The festival continues Tuesday evening with a reading by Rana Dasgupta. Dasgupta is the author of two books, Tokyo Cancelled (2005), a cycle of folktales about contemporary cities and globalization, narrated by travelers stuck for a night in the airport, and Solo (2009), an epic exploration of science, music, daydreams and failure, set in Bulgaria. Novelist Salman Rushdie has written, “Solo confirms Rana Dasgupta as the most unexpected and original Indian writer of his generation.” Dasgupta, who grew up in Cambridge, England, now lives permanently in Delhi, and is currently working on a nonfiction book about his adopted city. He will read in the McCormack Family Theater, 70 Brown St., at 8 p.m.

Rana Dasgupta:
Rana Dasgupta
The festival’s second day begins with a panel discussion titled “New Indian Writing: The Megalopolis and the Writer,” featuring Dasgupta and Mehta with Ashutosh Varshney, professor of political science, and Meera Viswanathan, associate professor of comparative literature. Their conversation will be moderated by Lina Fruzzetti, professor of anthropology. The discussion begins at 11 a.m. in the McCormack Family Theater.

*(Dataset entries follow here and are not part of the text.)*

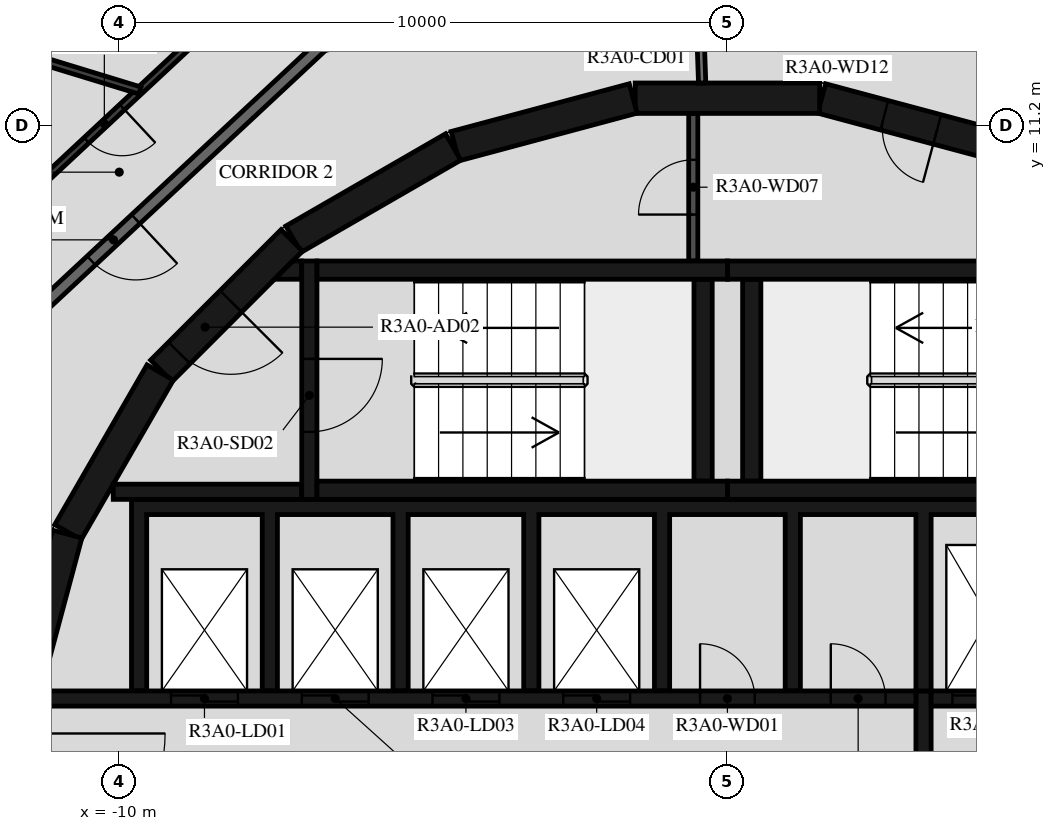
"""IFC4 building model, lengths in metres.
Left out: names, types, materials, properties, quantities, classifications, styles, units other than length and angle.
Written with IfcOpenShell. Run it as: python <this file> out.ifc"""

import sys

from ifc_helpers import new_model, si_unit, direction, frame, frame_2d, origin, place, context, subcontext, project, spatial, polyline, rectangle, outline, extrude, element, fill, save


model = new_model("IFC4")
c1 = context("Model", 3, precision=1e-05, world=origin(), true_north=direction((0.0, 1.0)))
c2 = subcontext(c1, "Body", "Model", "MODEL_VIEW")
j1 = project(units=[si_unit("LENGTHUNIT", "METRE"), si_unit("PLANEANGLEUNIT", "RADIAN")], contexts=[c1])
p1 = place(None, origin())
s1 = spatial("IfcSite", under=j1, at=p1, CompositionType="ELEMENT")
p2 = place(p1, origin())
s2 = spatial("IfcBuilding", under=s1, at=p2, CompositionType="ELEMENT")
p3 = place(p2, frame((0.0, 0.0, 113.4)))
s3 = spatial("IfcBuildingStorey", under=s2, at=p3, CompositionType="ELEMENT", Elevation=113.4)
p4 = place(p3, frame((4.479, 10.858, 0.0), z_axis=(0.0, 0.0, 1.0), x_axis=(-0.965948410781, 0.258734743916, 0.0)))
e1 = element("IfcWall", 1, at=p4, inside=s3, PredefinedType="SHEAR", context=c2, shape_type="SweptSolid", body=[
    extrude(rectangle(XDim=3.033, YDim=0.5, at=frame_2d((1.516, 0.0))), origin(), (0.0, 0.0, 1.0), 3.12),
])
p5 = place(p4, frame((1.066, 0.0, 0.0)))
e2 = element("IfcOpeningElement", 2, at=p5, cuts=e1, PredefinedType="OPENING", context=c2, shape_type="SweptSolid", body=[
    extrude(rectangle(XDim=0.9, YDim=2.1, at=frame_2d((0.45, 1.05))), frame((0.0, 0.26, 0.0), z_axis=(0.0, -1.0, 0.0), x_axis=(1.0, 0.0, 0.0)), (0.0, 0.0, 1.0), 0.52),
])
for number, where, z_axis, x_axis in (
    (3, (1.516, 11.647, 0.0), (0.0, 0.0, 1.0), (-1.0, 0.0, 0.0)),
    (4, (-1.55, 11.643, 0.0), (0.0, 0.0, 1.0), (-0.966, -0.259, 0.0)),
    (5, (-4.51, 10.845, 0.0), (0.0, 0.0, 1.0), (-0.866, -0.5, 0.0)),
):
    element("IfcWall", number, at=place(p3, frame(where, z_axis=z_axis, x_axis=x_axis)), inside=s3, PredefinedType="SHEAR", context=c2, shape_type="SweptSolid", body=[
        extrude(rectangle(XDim=3.033, YDim=0.5, at=frame_2d((1.516, 0.0))), origin(), (0.0, 0.0, 1.0), 3.12),
    ])
p6 = place(p3, frame((-7.164, 9.308, 0.0), z_axis=(0.0, 0.0, 1.0), x_axis=(-0.707106781187, -0.707106781187, 0.0)))
e6 = element("IfcWall", 6, at=p6, inside=s3, PredefinedType="SHEAR", context=c2, shape_type="SweptSolid", body=[
    extrude(rectangle(XDim=3.032, YDim=0.5, at=frame_2d((1.516, 0.0))), origin(), (0.0, 0.0, 1.0), 3.12),
])
p7 = place(p6, frame((1.416, 0.0, 0.0)))
e7 = element("IfcOpeningElement", 7, at=p7, cuts=e6, PredefinedType="OPENING", context=c2, shape_type="SweptSolid", body=[
    extrude(rectangle(XDim=1.2, YDim=2.1, at=frame_2d((0.6, 1.05))), frame((0.0, 0.26, 0.0), z_axis=(0.0, -1.0, 0.0), x_axis=(1.0, 0.0, 0.0)), (0.0, 0.0, 1.0), 0.52),
])
for number, where, z_axis, x_axis in (
    (8, (-9.329, 7.137, 0.0), (0.0, 0.0, 1.0), (-0.5, -0.866, 0.0)),
    (9, (-10.858, 4.479, 0.0), (0.0, 0.0, 1.0), (-0.259, -0.966, 0.0)),
):
    element("IfcWall", number, at=place(p3, frame(where, z_axis=z_axis, x_axis=x_axis)), inside=s3, PredefinedType="SHEAR", context=c2, shape_type="SweptSolid", body=[
        extrude(rectangle(XDim=3.033, YDim=0.5, at=frame_2d((1.516, 0.0))), origin(), (0.0, 0.0, 1.0), 3.12),
    ])
for number, where, z_axis, x_axis in (
    (10, (0.0, 5.2, 0.0), (0.0, 0.0, 1.0), (1.0, 0.0, 0.0)),
    (11, (0.0, 8.82, 0.0), (0.0, 0.0, 1.0), (1.0, 0.0, 0.0)),
):
    element("IfcWall", number, at=place(p3, frame(where, z_axis=z_axis, x_axis=x_axis)), inside=s3, PredefinedType="SHEAR", context=c2, shape_type="SweptSolid", body=[
        extrude(rectangle(XDim=6.75, YDim=0.3, at=frame_2d((3.375, 0.0))), origin(), (0.0, 0.0, 1.0), 3.12),
    ])
p8 = place(p3, frame((0.4, 5.35, 0.0), z_axis=(0.0, 0.0, 1.0), x_axis=(0.0, 1.0, 0.0)))
e12 = element("IfcWall", 12, at=p8, inside=s3, PredefinedType="SHEAR", context=c2, shape_type="SweptSolid", body=[
    extrude(rectangle(XDim=3.32, YDim=0.3, at=frame_2d((1.66, 0.0))), origin(), (0.0, 0.0, 1.0), 3.12),
])
for number, where, z_axis, x_axis in (
    (13, (-6.75, 5.2, 0.0), (0.0, 0.0, 1.0), (1.0, 0.0, 0.0)),
    (14, (-6.75, 8.82, 0.0), (0.0, 0.0, 1.0), (1.0, 0.0, 0.0)),
):
    element("IfcWall", number, at=place(p3, frame(where, z_axis=z_axis, x_axis=x_axis)), inside=s3, PredefinedType="SHEAR", context=c2, shape_type="SweptSolid", body=[
        extrude(rectangle(XDim=6.75, YDim=0.3, at=frame_2d((3.375, 0.0))), origin(), (0.0, 0.0, 1.0), 3.12),
    ])
p9 = place(p3, frame((-0.4, 5.35, 0.0), z_axis=(0.0, 0.0, 1.0), x_axis=(0.0, 1.0, 0.0)))
e15 = element("IfcWall", 15, at=p9, inside=s3, PredefinedType="SHEAR", context=c2, shape_type="SweptSolid", body=[
    extrude(rectangle(XDim=3.32, YDim=0.3, at=frame_2d((1.66, 0.0))), origin(), (0.0, 0.0, 1.0), 3.12),
])
p10 = place(p3, frame((-6.875, 8.97, 0.0), z_axis=(0.0, 0.0, 1.0), x_axis=(0.0, -1.0, 0.0)))
e16 = element("IfcWall", 16, at=p10, inside=s3, PredefinedType="SHEAR", context=c2, shape_type="SweptSolid", body=[
    extrude(rectangle(XDim=3.92, YDim=0.25, at=frame_2d((1.96, 0.0))), origin(), (0.0, 0.0, 1.0), 3.12),
])
p11 = place(p10, frame((1.61, 0.0, 0.0)))
e17 = element("IfcOpeningElement", 17, at=p11, cuts=e16, PredefinedType="OPENING", context=c2, shape_type="SweptSolid", body=[
    extrude(rectangle(XDim=1.2, YDim=2.1, at=frame_2d((0.6, 1.05))), frame((0.0, 0.135, 0.0), z_axis=(0.0, -1.0, 0.0), x_axis=(1.0, 0.0, 0.0)), (0.0, 0.0, 1.0), 0.27),
])
p12 = place(p3, frame((-7.0, 5.175, 0.0), z_axis=(0.0, 0.0, 1.0), x_axis=(-1.0, 0.0, 0.0)))
e18 = element("IfcWall", 18, at=p12, inside=s3, PredefinedType="SHEAR", context=c2, shape_type="SweptSolid", body=[
    extrude(rectangle(XDim=3.1, YDim=0.25, at=frame_2d((1.55, 0.0))), origin(), (0.0, 0.0, 1.0), 3.12),
])
p13 = place(p3, origin())
e19 = element("IfcWall", 19, at=p13, inside=s3, PredefinedType="SHEAR", context=c2, shape_type="SweptSolid", body=[
    extrude(outline(polyline([(-7.148, 8.97), (-7.0, 8.97), (-7.0, 8.67), (-7.448, 8.67), (-7.148, 8.97)])), origin(), (0.0, 0.0, 1.0), 3.12),
])
p14 = place(p3, origin())
e20 = element("IfcWall", 20, at=p14, inside=s3, PredefinedType="SHEAR", context=c2, shape_type="SweptSolid", body=[
    extrude(outline(polyline([(-9.55, 4.8), (-7.65, 4.8), (-7.65, 1.9), (-7.4, 1.9), (-7.4, 4.8), (-5.5, 4.8), (-5.5, 1.9), (-5.25, 1.9), (-5.25, 4.8), (-3.35, 4.8), (-3.35, 1.9), (-3.1, 1.9), (-3.1, 4.8), (-1.2, 4.8), (-1.2, 1.9), (-0.95, 1.9), (-0.95, 4.8), (0.95, 4.8), (0.95, 1.9), (1.2, 1.9), (1.2, 4.8), (3.1, 4.8), (3.1, 1.9), (3.35, 1.9), (3.35, 4.8), (5.25, 4.8), (5.25, 1.9), (5.5, 1.9), (5.5, 4.8), (7.4, 4.8), (7.4, 1.9), (7.65, 1.9), (7.65, 4.8), (9.55, 4.8), (9.55, 1.9), (9.8, 1.9), (9.8, 4.8), (9.8, 5.05), (-9.8, 5.05), (-9.8, 4.8), (-9.8, 1.9), (-9.55, 1.9), (-9.55, 4.8)])), origin(), (0.0, 0.0, 1.0), 3.12),
])
p15 = place(p3, frame((-11.28, 1.775, 0.0), z_axis=(0.0, 0.0, 1.0), x_axis=(1.0, 0.0, 0.0)))
e21 = element("IfcWall", 21, at=p15, inside=s3, PredefinedType="SHEAR", context=c2, shape_type="SweptSolid", body=[
    extrude(rectangle(XDim=14.38, YDim=0.25, at=frame_2d((7.19, 0.0))), origin(), (0.0, 0.0, 1.0), 3.12),
])
p16 = place(p15, frame((2.13, 0.0, 0.0)))
e22 = element("IfcOpeningElement", 22, at=p16, cuts=e21, PredefinedType="OPENING", context=c2, shape_type="SweptSolid", body=[
    extrude(rectangle(XDim=1.1, YDim=2.1, at=frame_2d((0.55, 1.05))), frame((0.0, 0.135, 0.0), z_axis=(0.0, -1.0, 0.0), x_axis=(1.0, 0.0, 0.0)), (0.0, 0.0, 1.0), 0.27),
])
p17 = place(p15, frame((4.28, 0.0, 0.0)))
e23 = element("IfcOpeningElement", 23, at=p17, cuts=e21, PredefinedType="OPENING", context=c2, shape_type="SweptSolid", body=[
    extrude(rectangle(XDim=1.1, YDim=2.1, at=frame_2d((0.55, 1.05))), frame((0.0, 0.135, 0.0), z_axis=(0.0, -1.0, 0.0), x_axis=(1.0, 0.0, 0.0)), (0.0, 0.0, 1.0), 0.27),
])
p18 = place(p15, frame((6.43, 0.0, 0.0)))
e24 = element("IfcOpeningElement", 24, at=p18, cuts=e21, PredefinedType="OPENING", context=c2, shape_type="SweptSolid", body=[
    extrude(rectangle(XDim=1.1, YDim=2.1, at=frame_2d((0.55, 1.05))), frame((0.0, 0.135, 0.0), z_axis=(0.0, -1.0, 0.0), x_axis=(1.0, 0.0, 0.0)), (0.0, 0.0, 1.0), 0.27),
])
p19 = place(p15, frame((8.58, 0.0, 0.0)))
e25 = element("IfcOpeningElement", 25, at=p19, cuts=e21, PredefinedType="OPENING", context=c2, shape_type="SweptSolid", body=[
    extrude(rectangle(XDim=1.1, YDim=2.1, at=frame_2d((0.55, 1.05))), frame((0.0, 0.135, 0.0), z_axis=(0.0, -1.0, 0.0), x_axis=(1.0, 0.0, 0.0)), (0.0, 0.0, 1.0), 0.27),
])
p20 = place(p15, frame((10.83, 0.0, 0.0)))
e26 = element("IfcOpeningElement", 26, at=p20, cuts=e21, PredefinedType="OPENING", context=c2, shape_type="SweptSolid", body=[
    extrude(rectangle(XDim=0.9, YDim=2.1, at=frame_2d((0.45, 1.05))), frame((0.0, 0.135, 0.0), z_axis=(0.0, -1.0, 0.0), x_axis=(1.0, 0.0, 0.0)), (0.0, 0.0, 1.0), 0.27),
])
p21 = place(p15, frame((12.98, 0.0, 0.0)))
e27 = element("IfcOpeningElement", 27, at=p21, cuts=e21, PredefinedType="OPENING", context=c2, shape_type="SweptSolid", body=[
    extrude(rectangle(XDim=0.9, YDim=2.1, at=frame_2d((0.45, 1.05))), frame((0.0, 0.135, 0.0), z_axis=(0.0, -1.0, 0.0), x_axis=(1.0, 0.0, 0.0)), (0.0, 0.0, 1.0), 0.27),
])
p22 = place(p3, frame((3.35, 1.775, 0.0), z_axis=(0.0, 0.0, 1.0), x_axis=(1.0, 0.0, 0.0)))
e28 = element("IfcWall", 28, at=p22, inside=s3, PredefinedType="SHEAR", context=c2, shape_type="SweptSolid", body=[
    extrude(rectangle(XDim=7.93, YDim=0.25, at=frame_2d((3.965, 0.0))), origin(), (0.0, 0.0, 1.0), 3.12),
])
p23 = place(p22, frame((0.35, 0.0, 0.0)))
e29 = element("IfcOpeningElement", 29, at=p23, cuts=e28, PredefinedType="OPENING", context=c2, shape_type="SweptSolid", body=[
    extrude(rectangle(XDim=1.2, YDim=2.4, at=frame_2d((0.6, 1.2))), frame((0.0, 0.135, 0.0), z_axis=(0.0, -1.0, 0.0), x_axis=(1.0, 0.0, 0.0)), (0.0, 0.0, 1.0), 0.27),
])
p24 = place(p22, frame((2.5, 0.0, 0.0)))
e30 = element("IfcOpeningElement", 30, at=p24, cuts=e28, PredefinedType="OPENING", context=c2, shape_type="SweptSolid", body=[
    extrude(rectangle(XDim=1.2, YDim=2.4, at=frame_2d((0.6, 1.2))), frame((0.0, 0.135, 0.0), z_axis=(0.0, -1.0, 0.0), x_axis=(1.0, 0.0, 0.0)), (0.0, 0.0, 1.0), 0.27),
])
p25 = place(p22, frame((4.8, 0.0, 0.0)))
e31 = element("IfcOpeningElement", 31, at=p25, cuts=e28, PredefinedType="OPENING", context=c2, shape_type="SweptSolid", body=[
    extrude(rectangle(XDim=0.9, YDim=2.1, at=frame_2d((0.45, 1.05))), frame((0.0, 0.135, 0.0), z_axis=(0.0, -1.0, 0.0), x_axis=(1.0, 0.0, 0.0)), (0.0, 0.0, 1.0), 0.27),
])
p26 = place(p3, frame((3.225, -1.9, 0.0), z_axis=(0.0, 0.0, 1.0), x_axis=(0.0, 1.0, 0.0)))
e32 = element("IfcWall", 32, at=p26, inside=s3, PredefinedType="SHEAR", context=c2, shape_type="SweptSolid", body=[
    extrude(rectangle(XDim=3.8, YDim=0.25, at=frame_2d((1.9, 0.0))), origin(), (0.0, 0.0, 1.0), 3.12),
])
p27 = place(p3, frame((-0.562, 8.97, 0.0), z_axis=(0.0, 0.0, 1.0), x_axis=(0.0, 1.0, 0.0)))
e33 = element("IfcWall", 33, at=p27, inside=s3, PredefinedType="PARTITIONING", context=c2, shape_type="SweptSolid", body=[
    extrude(rectangle(XDim=2.427, YDim=0.15, at=frame_2d((1.214, 0.0))), origin(), (0.0, 0.0, 1.0), 3.12),
])
p28 = place(p27, frame((0.764, 0.0, 0.0)))
e34 = element("IfcOpeningElement", 34, at=p28, cuts=e33, PredefinedType="OPENING", context=c2, shape_type="SweptSolid", body=[
    extrude(rectangle(XDim=0.9, YDim=2.1, at=frame_2d((0.45, 1.05))), frame((0.0, 0.085, 0.0), z_axis=(0.0, -1.0, 0.0), x_axis=(1.0, 0.0, 0.0)), (0.0, 0.0, 1.0), 0.17),
])
p29 = place(p3, frame((-0.487, 13.948, 0.0), z_axis=(0.0, 0.0, 1.0), x_axis=(0.034859752231, -0.999392214135, 0.0)))
e35 = element("IfcWall", 35, at=p29, inside=s3, PredefinedType="PARTITIONING", context=c2, shape_type="SweptSolid", body=[
    extrude(rectangle(XDim=2.052, YDim=0.12, at=frame_2d((1.026, 0.0))), origin(), (0.0, 0.0, 1.0), 3.12),
])
p30 = place(p29, frame((0.125, 0.0, 0.0)))
e36 = element("IfcOpeningElement", 36, at=p30, cuts=e35, PredefinedType="OPENING", context=c2, shape_type="SweptSolid", body=[
    extrude(rectangle(XDim=1.2, YDim=2.1, at=frame_2d((0.6, 1.05))), frame((0.0, 0.07, 0.0), z_axis=(0.0, -1.0, 0.0), x_axis=(1.0, 0.0, 0.0)), (0.0, 0.0, 1.0), 0.14),
])
p31 = place(p3, frame((7.516, 12.028, 0.0), z_axis=(0.0, 0.0, 1.0), x_axis=(-0.956306642771, 0.292365533182, 0.0)))
e37 = element("IfcWall", 37, at=p31, inside=s3, PredefinedType="STANDARD", context=c2, shape_type="SweptSolid", body=[
    extrude(rectangle(XDim=7.342, YDim=0.2, at=frame_2d((3.671, 0.0))), origin(), (0.0, 0.0, 1.0), 3.12),
])
p32 = place(p3, frame((-6.659, 12.523, 0.0), z_axis=(0.0, 0.0, 1.0), x_axis=(-0.731350455479, -0.682001841105, 0.0)))
e38 = element("IfcWall", 38, at=p32, inside=s3, PredefinedType="STANDARD", context=c2, shape_type="SweptSolid", body=[
    extrude(rectangle(XDim=7.342, YDim=0.2, at=frame_2d((3.671, 0.0))), origin(), (0.0, 0.0, 1.0), 3.12),
])
p33 = place(p32, frame((4.2, 0.0, 0.0)))
e39 = element("IfcOpeningElement", 39, at=p33, cuts=e38, PredefinedType="OPENING", context=c2, shape_type="SweptSolid", body=[
    extrude(rectangle(XDim=1.0, YDim=2.1, at=frame_2d((0.5, 1.05))), frame((0.0, 0.11, 0.0), z_axis=(0.0, -1.0, 0.0), x_axis=(1.0, 0.0, 0.0)), (0.0, 0.0, 1.0), 0.22),
])
p34 = place(p3, frame((-1.539, 24.071, 0.0), z_axis=(0.0, 0.0, 1.0), x_axis=(0.68200220595, -0.731350115252, 0.0)))
e40 = element("IfcWall", 40, at=p34, inside=s3, PredefinedType="PARTITIONING", context=c2, shape_type="SweptSolid", body=[
    extrude(rectangle(XDim=17.316, YDim=0.12, at=frame_2d((8.658, 0.0))), origin(), (0.0, 0.0, 1.0), 3.12),
])
p35 = place(p34, frame((3.323, 0.0, 0.0)))
e41 = element("IfcOpeningElement", 41, at=p35, cuts=e40, PredefinedType="OPENING", context=c2, shape_type="SweptSolid", body=[
    extrude(rectangle(XDim=0.9, YDim=2.1, at=frame_2d((0.45, 1.05))), frame((0.0, 0.07, 0.0), z_axis=(0.0, -1.0, 0.0), x_axis=(1.0, 0.0, 0.0)), (0.0, 0.0, 1.0), 0.14),
])
p36 = place(p34, frame((1.417, 0.0, 0.0)))
e42 = element("IfcOpeningElement", 42, at=p36, cuts=e40, PredefinedType="OPENING", context=c2, shape_type="SweptSolid", body=[
    extrude(rectangle(XDim=0.9, YDim=2.1, at=frame_2d((0.45, 1.05))), frame((0.0, 0.07, 0.0), z_axis=(0.0, -1.0, 0.0), x_axis=(1.0, 0.0, 0.0)), (0.0, 0.0, 1.0), 0.14),
])
p37 = place(p3, frame((-7.388, 13.894, 0.0), z_axis=(0.0, 0.0, 1.0), x_axis=(-0.731357186721, -0.681994622729, 0.0)))
e43 = element("IfcWall", 43, at=p37, inside=s3, PredefinedType="PARTITIONING", context=c2, shape_type="SweptSolid", body=[
    extrude(rectangle(XDim=8.146, YDim=0.12, at=frame_2d((4.073, 0.0))), origin(), (0.0, 0.0, 1.0), 3.12),
])
p38 = place(p37, frame((3.509, 0.0, 0.0)))
e44 = element("IfcOpeningElement", 44, at=p38, cuts=e43, PredefinedType="OPENING", context=c2, shape_type="SweptSolid", body=[
    extrude(rectangle(XDim=0.8, YDim=2.1, at=frame_2d((0.4, 1.05))), frame((0.0, 0.07, 0.0), z_axis=(0.0, -1.0, 0.0), x_axis=(1.0, 0.0, 0.0)), (0.0, 0.0, 1.0), 0.14),
])
p39 = place(p3, frame((-9.169, 22.31, 0.0), z_axis=(0.0, 0.0, 1.0), x_axis=(-0.29236145486, -0.956307889601, 0.0)))
e45 = element("IfcWall", 45, at=p39, inside=s3, PredefinedType="PARTITIONING", context=c2, shape_type="SweptSolid", body=[
    extrude(rectangle(XDim=17.316, YDim=0.12, at=frame_2d((8.658, 0.0))), origin(), (0.0, 0.0, 1.0), 3.12),
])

The final festival event will be a reading by Mehta, a New York-based nonfiction writer and journalist. He is the author of Maximum City: Bombay Lost and Found, and winner of the Kiriyama Prize and the Hutch Crossword Award. His work has appeared in the New York Times Magazine, National Geographic, Granta, Harpers Magazine, Time, and Conde Nast Traveler, and has been featured on NPR’s Fresh Air. He is the recipient of the Whiting Award, the O. Henry Prize, and a New York Foundation for the Arts fellowship. His current work is a nonfiction book about immigrants in contemporary New York, for which he was awarded a 2007 Guggenheim fellowship. Mehta is also an associate professor of journalism at New York University. His reading begins at 8 p.m. in the McCormack Family Theater.

Suketu Mehta:
Suketu Mehta

“New Indian Writing: The Rising Generation” is presented by Brown’s Program in Literary Arts, the International Writers Project, and The Year of India initiative, a series of events to advance understanding of India’s people, culture, economy, and politics, and their growing impact around the world.